「タ」は過去形ではない。 執筆者:川月現大(編集者)


 はんざわかんいち氏(半沢幹一 共立女子大学教授)が雑誌「日本語学」に「ありがタめいわく」というタイトルのエッセイを寄稿していた(参考文献1)。特に面白かったは以下の箇所であった。

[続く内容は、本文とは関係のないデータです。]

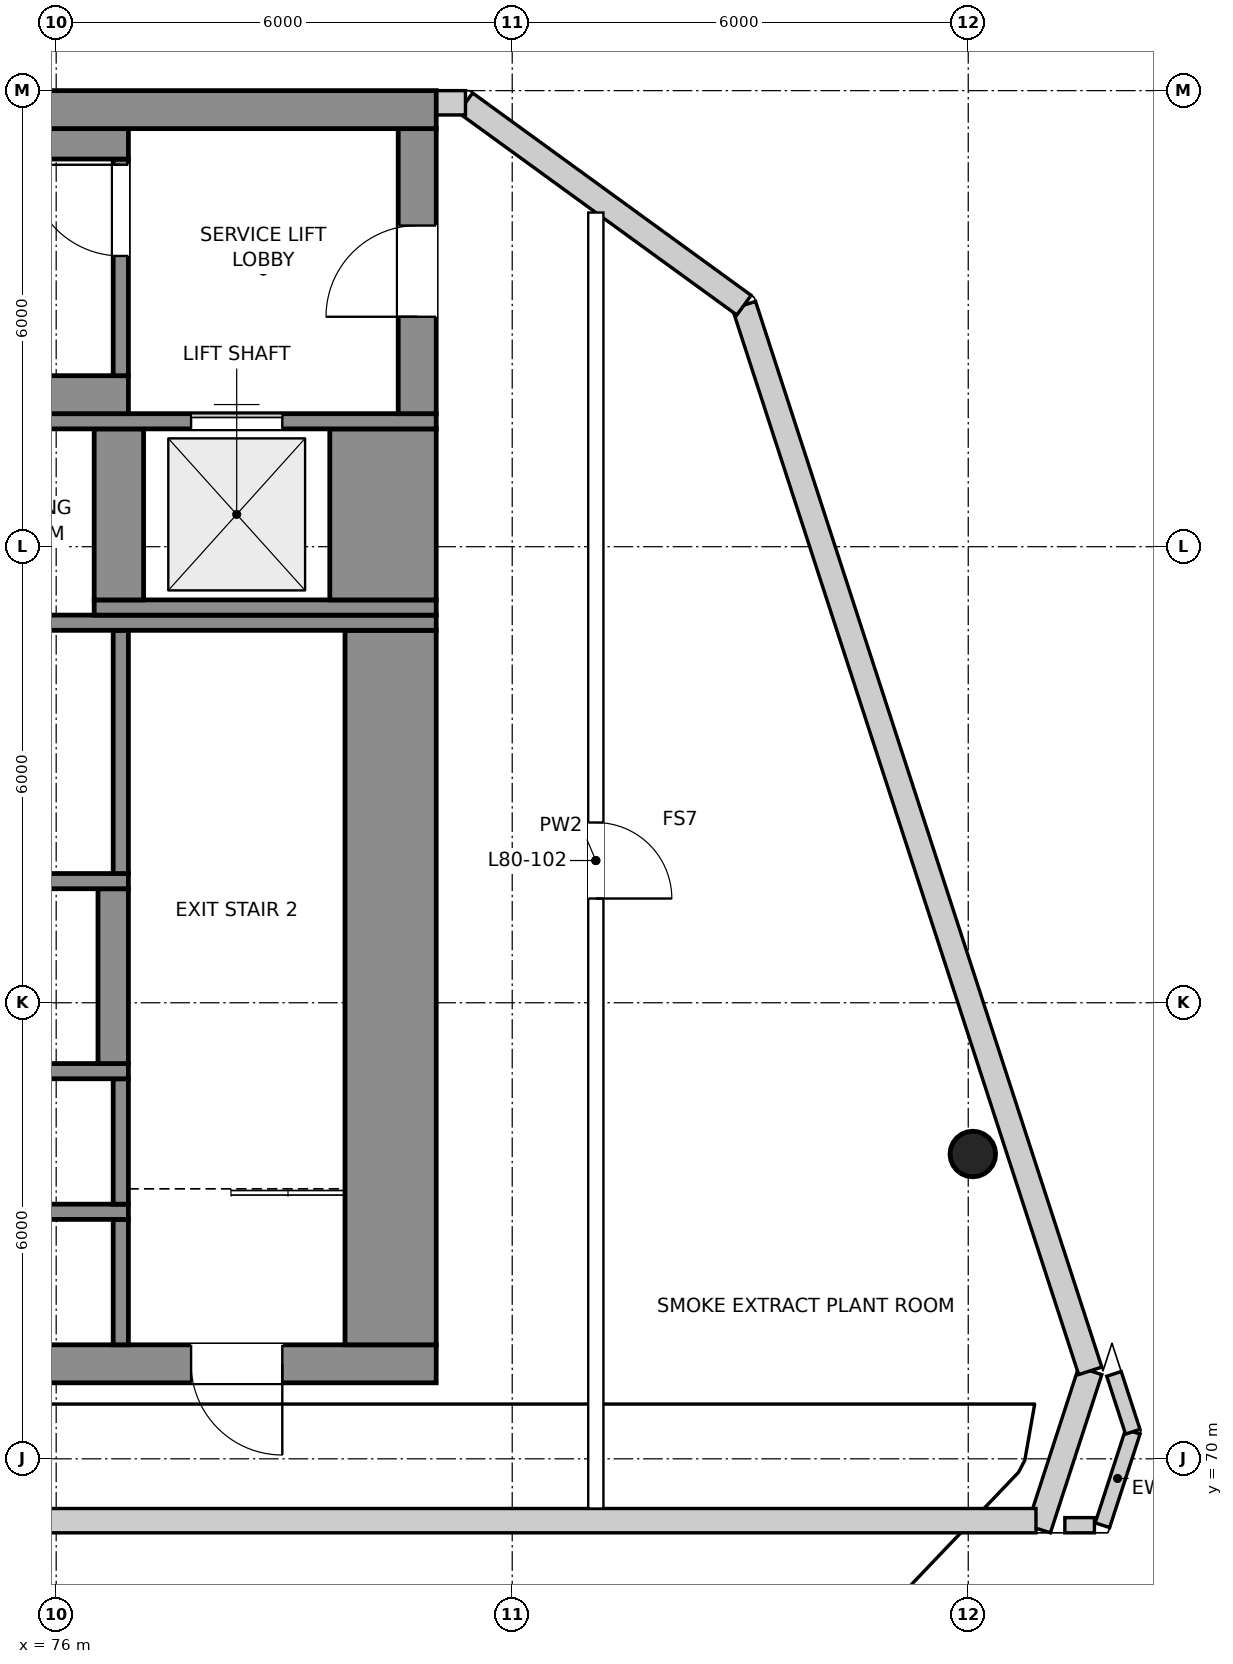
"""IFC4 building model, lengths in metres.
Left out: names, types, materials, properties, quantities, classifications, styles, units other than length and angle.
Written with IfcOpenShell. Run it as: python <this file> out.ifc"""

import sys

from ifc_helpers import new_model, si_unit, direction, frame, frame_2d, origin, origin_2d, place, context, subcontext, project, spatial, polyline, rectangle, circle, outline, extrude, element, fill, save


model = new_model("IFC4")
c1 = context("Model", 3, precision=1e-05, world=origin(), true_north=direction((0.0, 1.0)))
c2 = subcontext(c1, "Body", "Model", "MODEL_VIEW")
j1 = project(units=[si_unit("LENGTHUNIT", "METRE"), si_unit("PLANEANGLEUNIT", "RADIAN")], contexts=[c1])
p1 = place(None, origin())
s1 = spatial("IfcSite", under=j1, at=p1, CompositionType="ELEMENT")
p2 = place(p1, origin())
s2 = spatial("IfcBuilding", under=s1, at=p2, CompositionType="ELEMENT")
p3 = place(p2, frame((0.0, 0.0, 342.2)))
s3 = spatial("IfcBuildingStorey", under=s2, at=p3, CompositionType="ELEMENT", Elevation=342.2)
p4 = place(p3, frame((88.06, 74.01, 0.0), z_axis=(0.0, 0.0, 1.0), x_axis=(1.0, 0.0, 0.0)))
e1 = element("IfcColumn", 1, at=p4, inside=s3, PredefinedType="COLUMN", context=c2, shape_type="SweptSolid", body=[
    extrude(circle(Radius=0.3, at=origin_2d()), origin(), (0.0, 0.0, 1.0), 4.5),
])
p5 = place(p3, frame((88.929, 69.076, 0.0), z_axis=(0.0, 0.0, 1.0), x_axis=(0.308990223282, 0.951065214334, 0.0)))
e2 = element("IfcWall", 2, at=p5, inside=s3, PredefinedType="SOLIDWALL", context=c2, shape_type="SweptSolid", body=[
    extrude(outline(polyline([(0.0, 0.0), (2.189, 0.0), (2.189, 4.2), (1.729, 4.2), (0.0, 2.744), (0.0, 0.0)])), frame((0.0, 0.16, 0.0), z_axis=(0.0, -1.0, 0.0), x_axis=(1.0, 0.0, 0.0)), (0.0, 0.0, 1.0), 0.32),
])
p6 = place(p3, frame((89.605, 71.157, 0.0), z_axis=(0.0, 0.0, 1.0), x_axis=(-0.309009679663, 0.951058892958, 0.0)))
e3 = element("IfcWall", 3, at=p6, inside=s3, PredefinedType="SOLIDWALL", context=c2, shape_type="SweptSolid", body=[
    extrude(rectangle(XDim=14.742, YDim=0.32, at=frame_2d((7.371, 0.0))), origin(), (0.0, 0.0, 1.0), 4.2),
])
p7 = place(p3, frame((85.05, 85.178, 0.0), z_axis=(0.0, 0.0, 1.0), x_axis=(-0.809027332235, 0.587771023186, 0.0)))
e4 = element("IfcWall", 4, at=p7, inside=s3, PredefinedType="SOLIDWALL", context=c2, shape_type="SweptSolid", body=[
    extrude(rectangle(XDim=4.53, YDim=0.32, at=frame_2d((2.265, 0.0))), origin(), (0.0, 0.0, 1.0), 4.2),
])
p8 = place(p3, frame((81.385, 87.84, 0.0), z_axis=(0.0, 0.0, 1.0), x_axis=(-1.0, 0.0, 0.0)))
e5 = element("IfcWall", 5, at=p8, inside=s3, PredefinedType="SOLIDWALL", context=c2, shape_type="SweptSolid", body=[
    extrude(rectangle(XDim=0.385, YDim=0.32, at=frame_2d((0.192, 0.0))), origin(), (0.0, 0.0, 1.0), 4.2),
])
p9 = place(p3, frame((51.109, 69.186, 0.0), z_axis=(0.0, 0.0, 1.0), x_axis=(1.0, 0.0, 0.0)))
e6 = element("IfcWall", 6, at=p9, inside=s3, PredefinedType="SOLIDWALL", context=c2, shape_type="SweptSolid", body=[
    extrude(rectangle(XDim=37.782, YDim=0.32, at=frame_2d((18.891, 0.0))), origin(), (0.0, 0.0, 1.0), 2.842),
])
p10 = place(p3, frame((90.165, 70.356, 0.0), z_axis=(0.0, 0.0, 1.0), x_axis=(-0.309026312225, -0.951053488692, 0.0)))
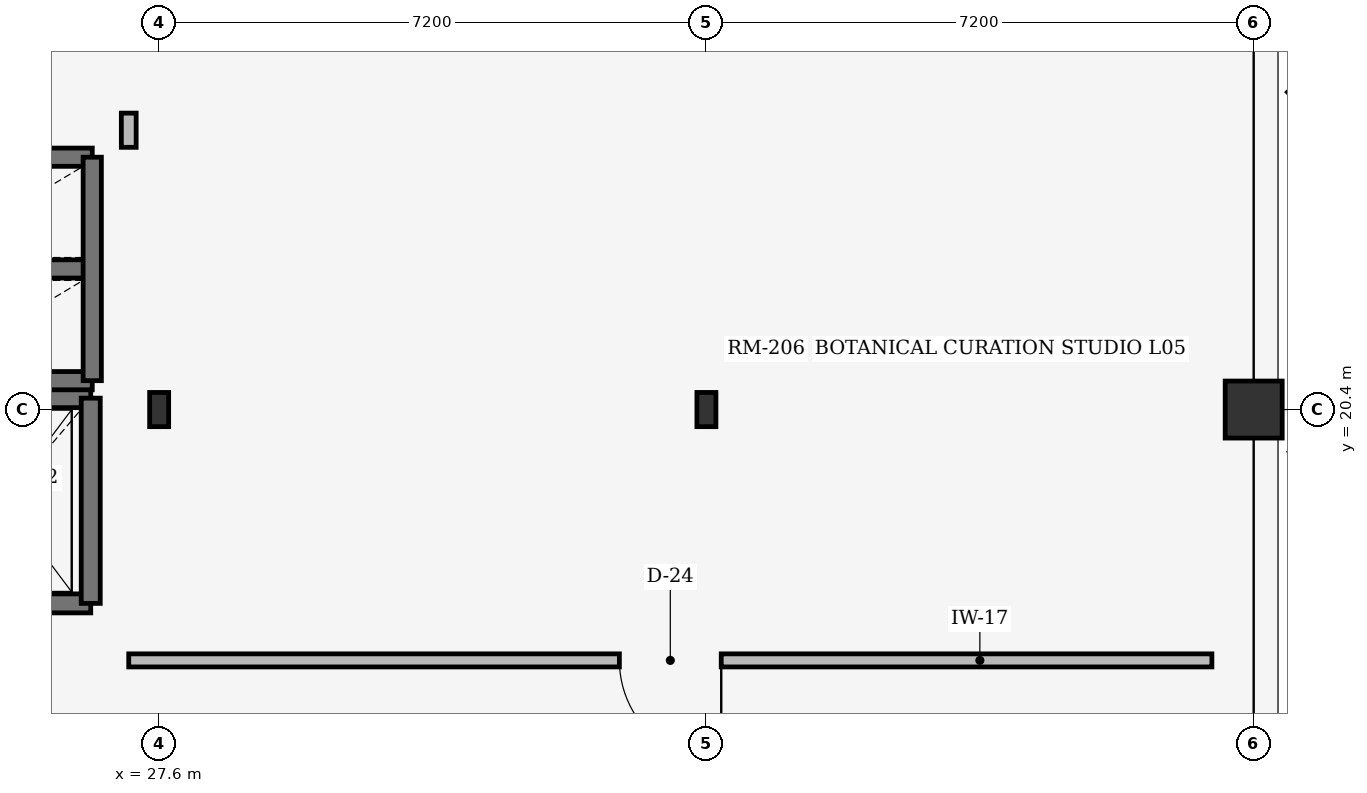
"""IFC4 building model, lengths in metres.
Left out: names, types, materials, properties, quantities, classifications, styles, units other than length and angle.
Written with IfcOpenShell. Run it as: python <this file> out.ifc"""

import sys

from ifc_helpers import new_model, si_unit, direction, frame, frame_2d, origin, origin_2d, place, context, subcontext, project, spatial, rectangle, i_section, extrude, element, fill, save


model = new_model("IFC4")
c1 = context("Model", 3, precision=1e-05, world=origin(), true_north=direction((0.0, 1.0)))
c2 = subcontext(c1, "Body", "Model", "MODEL_VIEW")
j1 = project(units=[si_unit("LENGTHUNIT", "METRE"), si_unit("PLANEANGLEUNIT", "RADIAN")], contexts=[c1])
p1 = place(None, origin())
s1 = spatial("IfcSite", under=j1, at=p1, CompositionType="ELEMENT")
p2 = place(p1, origin())
s2 = spatial("IfcBuilding", under=s1, at=p2, CompositionType="ELEMENT")
p3 = place(p2, frame((0.0, 0.0, 21.0)))
s3 = spatial("IfcBuildingStorey", under=s2, at=p3, CompositionType="ELEMENT", Elevation=21.0)
for number, where, z_axis, x_axis in (
    (1, (27.6, 20.4, 0.0), (0.0, 0.0, 1.0), (1.0, 0.0, 0.0)),
    (2, (34.8, 20.4, 0.0), (0.0, 0.0, 1.0), (1.0, 0.0, 0.0)),
):
    element("IfcColumn", number, at=place(p3, frame(where, z_axis=z_axis, x_axis=x_axis)), inside=s3, PredefinedType="COLUMN", context=c2, shape_type="SweptSolid", body=[
        extrude(i_section(OverallWidth=0.25, OverallDepth=0.45, WebThickness=0.011, FlangeThickness=0.014, at=origin_2d()), origin(), (0.0, 0.0, 1.0), 3.67),
    ])
p4 = place(p3, frame((42.0, 20.4, 0.0), z_axis=(0.0, 0.0, 1.0), x_axis=(1.0, 0.0, 0.0)))
e3 = element("IfcColumn", 3, at=p4, inside=s3, PredefinedType="COLUMN", context=c2, shape_type="SweptSolid", body=[
    extrude(rectangle(XDim=0.75, YDim=0.75, at=origin_2d()), origin(), (0.0, 0.0, 1.0), 3.67),
])
p5 = place(p3, frame((24.4, 17.85, 0.0), z_axis=(0.0, 0.0, 1.0), x_axis=(1.0, 0.0, 0.0)))
e4 = element("IfcWall", 4, at=p5, inside=s3, PredefinedType="SHEAR", context=c2, shape_type="SweptSolid", body=[
    extrude(rectangle(XDim=2.3, YDim=0.25, at=frame_2d((1.15, 0.0))), origin(), (0.0, 0.0, 1.0), 3.67),
])
p6 = place(p5, frame((0.6, 0.0, 0.0)))
e5 = element("IfcOpeningElement", 5, at=p6, cuts=e4, PredefinedType="OPENING", context=c2, shape_type="SweptSolid", body=[
    extrude(rectangle(XDim=1.1, YDim=2.2, at=frame_2d((0.55, 1.1))), frame((0.0, 0.135, 0.0), z_axis=(0.0, -1.0, 0.0), x_axis=(1.0, 0.0, 0.0)), (0.0, 0.0, 1.0), 0.27),
])
p7 = place(p3, frame((24.4, 20.55, 0.0), z_axis=(0.0, 0.0, 1.0), x_axis=(1.0, 0.0, 0.0)))
e6 = element("IfcWall", 6, at=p7, inside=s3, PredefinedType="SHEAR", context=c2, shape_type="SweptSolid", body=[
    extrude(rectangle(XDim=2.3, YDim=0.25, at=frame_2d((1.15, 0.0))), origin(), (0.0, 0.0, 1.0), 3.67),
])
p8 = place(p3, frame((26.7, 17.85, 0.0), z_axis=(0.0, 0.0, 1.0), x_axis=(0.0, 1.0, 0.0)))
e7 = element("IfcWall", 7, at=p8, inside=s3, PredefinedType="SHEAR", context=c2, shape_type="SweptSolid", body=[
    extrude(rectangle(XDim=2.7, YDim=0.25, at=frame_2d((1.35, 0.0))), origin(), (0.0, 0.0, 1.0), 3.67),
])
for number, where, z_axis, x_axis in (
    (8, (24.48, 20.78, 0.0), (0.0, 0.0, 1.0), (1.0, 0.0, 0.0)),
    (9, (24.48, 22.25, 0.0), (0.0, 0.0, 1.0), (1.0, 0.0, 0.0)),
    (10, (24.48, 23.72, 0.0), (0.0, 0.0, 1.0), (1.0, 0.0, 0.0)),
):
    element("IfcWall", number, at=place(p3, frame(where, z_axis=z_axis, x_axis=x_axis)), inside=s3, PredefinedType="SHEAR", context=c2, shape_type="SweptSolid", body=[
        extrude(rectangle(XDim=2.24, YDim=0.24, at=frame_2d((1.12, 0.0))), origin(), (0.0, 0.0, 1.0), 3.67),
    ])
p9 = place(p3, frame((26.72, 20.78, 0.0), z_axis=(0.0, 0.0, 1.0), x_axis=(0.0, 1.0, 0.0)))
e11 = element("IfcWall", 11, at=p9, inside=s3, PredefinedType="SHEAR", context=c2, shape_type="SweptSolid", body=[
    extrude(rectangle(XDim=2.94, YDim=0.24, at=frame_2d((1.47, 0.0))), origin(), (0.0, 0.0, 1.0), 3.67),
])
p10 = place(p3, frame((27.2, 17.1, 0.0), z_axis=(0.0, 0.0, 1.0), x_axis=(1.0, 0.0, 0.0)))
e12 = element("IfcWall", 12, at=p10, inside=s3, PredefinedType="PARTITIONING", context=c2, shape_type="SweptSolid", body=[
    extrude(rectangle(XDim=14.25, YDim=0.172, at=frame_2d((7.125, 0.0))), origin(), (0.0, 0.0, 1.0), 3.65),
])
p11 = place(p10, frame((6.455, 0.0, 0.0)))
e13 = element("IfcOpeningElement", 13, at=p11, cuts=e12, PredefinedType="OPENING", context=c2, shape_type="SweptSolid", body=[
    extrude(rectangle(XDim=1.34, YDim=2.22, at=frame_2d((0.67, 1.11))), frame((0.0, 0.096, 0.0), z_axis=(0.0, -1.0, 0.0), x_axis=(1.0, 0.0, 0.0)), (0.0, 0.0, 1.0), 0.192),
])
p12 = place(p3, frame((27.2, 24.3, 0.0), z_axis=(0.0, 0.0, 1.0), x_axis=(0.0, -1.0, 0.0)))
e14 = element("IfcWall", 14, at=p12, inside=s3, PredefinedType="PARTITIONING", context=c2, shape_type="SweptSolid", body=[
    extrude(rectangle(XDim=0.45, YDim=0.195, at=frame_2d((0.225, 0.0))), origin(), (0.0, 0.0, 1.0), 3.65),
])
p13 = place(p11, origin())
e15 = element("IfcDoor", 15, at=p13, inside=s3, OperationType="SINGLE_SWING_RIGHT", PredefinedType="DOOR", context=c2, shape_type="SweptSolid", body=[
    extrude(rectangle(XDim=1.34, YDim=2.22, at=frame_2d((0.67, 1.11))), frame((0.0, 0.025, 0.0), z_axis=(0.0, -1.0, 0.0), x_axis=(1.0, 0.0, 0.0)), (0.0, 0.0, 1.0), 0.05),
])
fill(e13, e15)
save(model, sys.argv[1])

  •  バイト先で、客に「ありがとうございました」と挨拶したら、店長にこっぴどく叱られた、という類いの話をよく聞く。タを使ってしまうと、その時限りで、過去の関係となり、縁が切れてしまうから「ありがとうございます」と言え、ということのようである。
     いえ、このタは、過去ではなく婉曲化による配慮の表現です、などと授業で教わったとおりに、真っ向から反論して、居心地を悪くしてしまうような学生はいない(まあ、いたらいたで、かなり鬱陶しいだろうけれどネ)。不承不承、言い直しているらしい。
     タ=過去という思い込みが、語用論レベルにまで影響を与えているのである。

 「タ=過去」という思い込みもあるが、「タ=過去形」という思い込みもよく見かける。いろいろな人の発言や書いたものをみていると、どうも傾向があるのがつかめてきた。日本語文法に詳しい人は「タ=過去」と言い、英語に詳しい人は「タ=過去形」と言う。しかし、この2つの言い方はどちらも正確ではない。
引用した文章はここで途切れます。